Each file contains the timestamp it was downloaded at in the filename:

$ ls data
bootstrap-static-2018-09-12T0851Z.json
bootstrap-static-2018-09-12T0852Z.json
bootstrap-static-2018-09-12T1452Z.json
bootstrap-static-2018-09-13T0220Z.json
bootstrap-static-2018-09-13T0856Z.json
bootstrap-static-2018-09-13T2056Z.json
bootstrap-static-2018-09-14T0856Z.json
bootstrap-static-2018-09-14T2056Z.json
bootstrap-static-2018-09-15T0856Z.json
bootstrap-static-2018-09-15T2056Z.json
...

I was able to extract the date from the filename using the following strptime pattern in Python:

>>> from datetime import datetime
>>> def extract_timestamp(filename):
...     return datetime.strptime(filename, 'bootstrap-static-%Y-%m-%dT%H%MZ.json')
... 
>>> extract_timestamp('bootstrap-static-2018-09-15T2056Z.json')
datetime.datetime(2018, 9, 15, 20, 56)

Example visualisations

As an experiment to see what I could do with the data, I loaded it into Elasticsearch and made some graphs with Kibana (I'll write about how I did this in a future post):

Average team value over time

Average team value over time

Average team value over time

Manchester City players are far and away the most expensive—although their value seems to have taken a hit recently—followed by Liverpool as a distant second. The unlucky club with ID 3 just before the tight pack at the bottom that seems to be dropping consistently in value is Arsenal.
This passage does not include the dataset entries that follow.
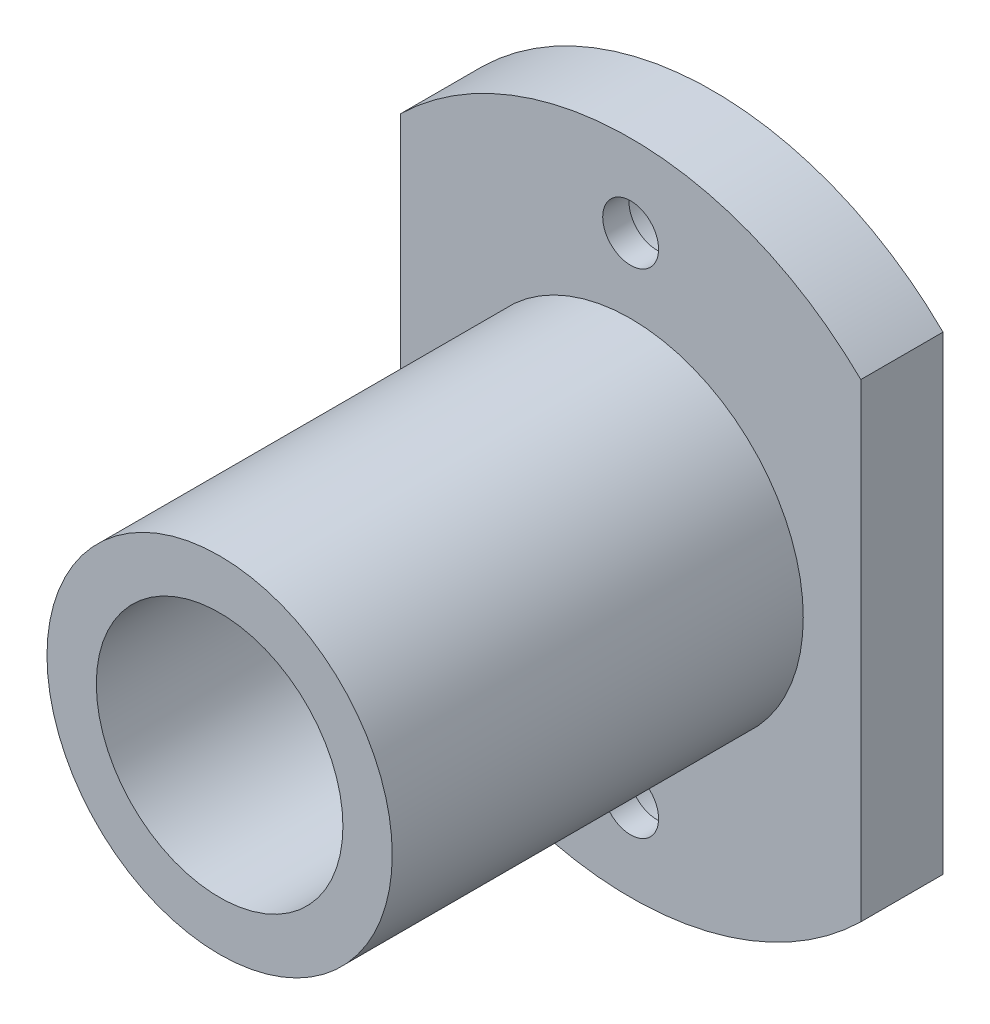
from build123d import *
from build123d.topology import SkipClean

# Parameters (mm, degrees)
SKETCH_1_R                = 10.5
SKETCH_1_R_2              = 7.5
EXTRUDE_1_DEPTH           = 25
EXTRUDE_START             = 5
SKETCH_3_R                = 20
SKETCH_3_R_2              = 7.5
EXTRUDE_3_DEPTH           = 5
HOLE_WIZARD_1_D           = 3.4
HOLE_WIZARD_1_CBORE_D     = 6
HOLE_WIZARD_1_CBORE_DEPTH = 3.4
SKETCH_6_W                = 10.726446136
SKETCH_6_H                = 40.511488533
SKETCH_6_W_2              = 7.853290921
SKETCH_6_H_2              = 42.714240865
CUT_EXTRUDE_1_DEPTH       = 10


with BuildPart() as part:
    # 草图1 → 凸台-拉伸1 (new body)
    with BuildSketch(Plane.XY):
        Circle(SKETCH_1_R)
        Circle(SKETCH_1_R_2, mode=Mode.SUBTRACT)
    extrude(amount=EXTRUDE_1_DEPTH)

    # 草图3 → 凸台-拉伸3 (add)
    with SkipClean():  # the faces are left unmerged after this step: merging them gives an invalid solid
        with BuildSketch(Plane(origin=(0, 0, 0), x_dir=(-1, 0, 0), z_dir=(0, 0, -1)).offset(EXTRUDE_START)):
            Circle(SKETCH_3_R)
            Circle(SKETCH_3_R_2, mode=Mode.SUBTRACT)
        extrude(amount=-EXTRUDE_3_DEPTH)

    # 打孔尺寸根据内六角圆柱头螺钉的类型1 (through all)
    with Locations(Plane(origin=(0, 0, -5), x_dir=(-1, 0, 0), z_dir=(0, 0, -1))):
        with Locations((0, 15), (0, -15)):
            CounterBoreHole(HOLE_WIZARD_1_D / 2, HOLE_WIZARD_1_CBORE_D / 2, HOLE_WIZARD_1_CBORE_DEPTH)

    # 草图6 → 切除-拉伸1 (cut)
    with SkipClean():  # the faces are left unmerged after this step: merging them gives an invalid solid
        with BuildSketch(Plane(origin=(0, 0, -5), x_dir=(-1, 0, 0), z_dir=(0, 0, -1))):
            with Locations((-19.363223068, 2.337558383)):
                Rectangle(SKETCH_6_W, SKETCH_6_H)
            with Locations((17.926645461, -0.870798275)):
                Rectangle(SKETCH_6_W_2, SKETCH_6_H_2)
        extrude(amount=-CUT_EXTRUDE_1_DEPTH, mode=Mode.SUBTRACT)


solid = part.part
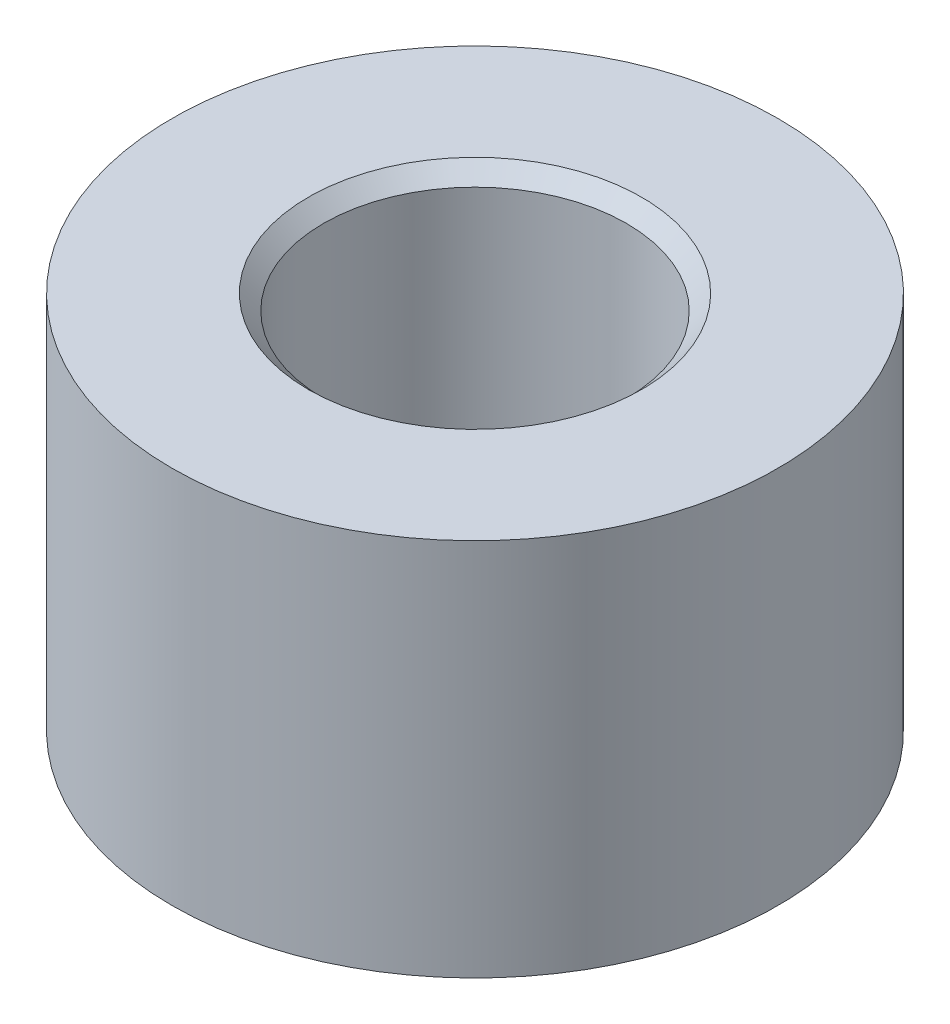
SolidWorks part; units mm, degrees
material "AISI 304"
ref_plane "前视基准面" through (0, 0, 0) normal (0, 0, 1) x (1, 0, 0)
ref_plane "上视基准面" through (0, 0, 0) normal (0, 1, 0) x (1, 0, 0)
ref_plane "右视基准面" through (0, 0, 0) normal (1, 0, 0) x (0, 0, -1)
sketch "草图1" plane through (0, 0, 0) normal (0, 1, 0) x (1, 0, 0)
  circle A0 centre (0, 0) radius 2
  circle A1 centre (0, 0) radius 1
  dimension "D1" = 4
  dimension "D2" = 2
extrude "凸台-拉伸1" add sketch "草图1" along normal blind 2.5
chamfer "C0.1 倒角1" distance 0.1 angle 45 2 edges at (0, 0, 1) (0, 2.5, 1)
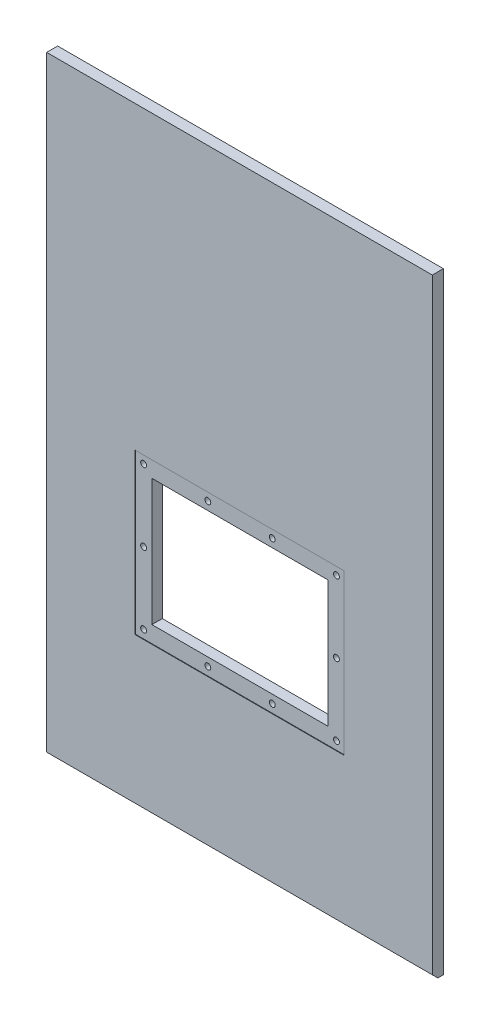
SolidWorks part; units mm, degrees
material "Q235"
ref_plane "Front Plane" through (0, 0, 0) normal (0, 0, 1) x (1, 0, 0)
ref_plane "Top Plane" through (0, 0, 0) normal (0, 1, 0) x (1, 0, 0)
ref_plane "Right Plane" through (0, 0, 0) normal (1, 0, 0) x (0, 0, -1)
sketch "Sketch1" plane through (0, 0, 0) normal (0, 0, 1) x (1, 0, 0)
  line L1 (0, 0) -> (700, 0)
  line L2 (0, 0) -> (0, 1110)
  line L3 (0, 1110) -> (700, 1110)
  line L4 (700, 0) -> (700, 1110)
  line L5 (190, 535) -> (510, 535)
  line L6 (190, 535) -> (190, 305)
  line L7 (190, 305) -> (510, 305)
  line L8 (510, 535) -> (510, 305)
  dimension "D1" = 1110
  dimension "D2" = 700
  dimension "D3" = 320
  dimension "D4" = 230
  dimension "D5" = 535
  dimension "D6" = 190
extrude "Boss-Extrude1" add sketch "Sketch1" along normal blind 20
sketch "Sketch2" plane through (0, 0, 20) normal (0, 0, 1) x (1, 0, 0)
  line L0 (190, 535) -> (190, 305) construction
  line L1 (160, 565) -> (540, 565)
  line L2 (160, 565) -> (160, 275)
  line L3 (160, 275) -> (540, 275)
  line L4 (540, 565) -> (540, 275)
  line L5 (190, 305) -> (510, 305) construction
  dimension "D1" = 380
  dimension "D2" = 290
  dimension "D3" = 30
  dimension "D4" = 30
extrude "Cut-Extrude1" cut sketch "Sketch2" against normal blind 1
hole_wizard "1/2-13 Threaded hole1" positions "3DSketch1" profile "Sketch4" tap size "1/2-13" standard "Progressive"
sketch3d "3DSketch1"
  line L0 (540, 565, 19) -> (160, 565, 19) construction
  line L1 (540, 275, 19) -> (540, 565, 19) construction
  point P0 (175, 550, 19)
  point P2 (291.5, 550, 19)
  point P4 (408.5, 550, 19)
  point P6 (525, 550, 19)
  point P8 (525, 420, 19)
  point P10 (525, 290, 19)
  point P12 (408.5, 290, 19)
  point P14 (291.5, 290, 19)
  point P16 (175, 290, 19)
  point P18 (175, 420, 19)
  dimension "D1" = 350
  dimension "D2" = 260
  dimension "D3" = 130
  dimension "D4" = 117
  dimension "D5" = 116.5
  dimension "D6" = 15
  dimension "D7" = 15
sketch "Sketch4" plane through (175, 550, 19) normal (1, 0, 0) x (0, -1, 0)
  line L0 (0, 0) -> (0, 17.2195)
  line L1 (0, 17.2195) -> (5.3581, 14)
  line L2 (5.3581, 14) -> (5.3581, 0)
  line L5 (5.3581, 0) -> (0, 0)
  line L10 (0, 17.2195) -> (-5.3581, 14) construction
  line L11 (0, -6.35) -> (0, 107.95) construction
  dimension "螺纹孔钻头直径" = 10.7163
  dimension "螺纹孔钻头深度" = 14
  dimension "导头角度" = 118
cosmetic thread "Cosmetic thread11" parameters "D1"=14, "D2"=12.7
cosmetic thread "Cosmetic thread12" parameters "D1"=14, "D2"=12.7
cosmetic thread "Cosmetic thread13" parameters "D1"=14, "D2"=12.7
cosmetic thread "Cosmetic thread14" parameters "D1"=14, "D2"=12.7
cosmetic thread "Cosmetic thread15" parameters "D1"=14, "D2"=12.7
cosmetic thread "Cosmetic thread16" parameters "D1"=14, "D2"=12.7
cosmetic thread "Cosmetic thread17" parameters "D1"=14, "D2"=12.7
cosmetic thread "Cosmetic thread18" parameters "D1"=14, "D2"=12.7
cosmetic thread "Cosmetic thread19" parameters "D1"=14, "D2"=12.7
cosmetic thread "Cosmetic thread20" parameters "D1"=14, "D2"=12.7
chamfer "Chamfer1" distance 10 angle 45 1 edges at (350, 0, 20)

Player value over time (top 10)

Player value over time (top 10)

Player value over time (top 10)

The undisputed top two most valuable players are Mohamed Salah and Harry Kane, with Sergio Agüero in tenuous third place.

Player ownership over time (top 5)

Player ownership over time (top 5)

Player ownership over time (top 5)

Fantasy managers are fickle, as even the most valuable players see their popularity fluctuate wildly. The subject of the precipitous drop in the middle of the graph is Sergio Agüero falling from being owned by more than half of all teams to just a third in a single week.

Salah's ownership vs value over time

Salah's ownership and value over time

Salah's ownership and value over time

While the FPL pricing algorithm is not fully understood, it's heavily influenced by demand. Here, we can see how Salah's price tightly tracks the percentage of teams he is owned by, and this trend applies for most players.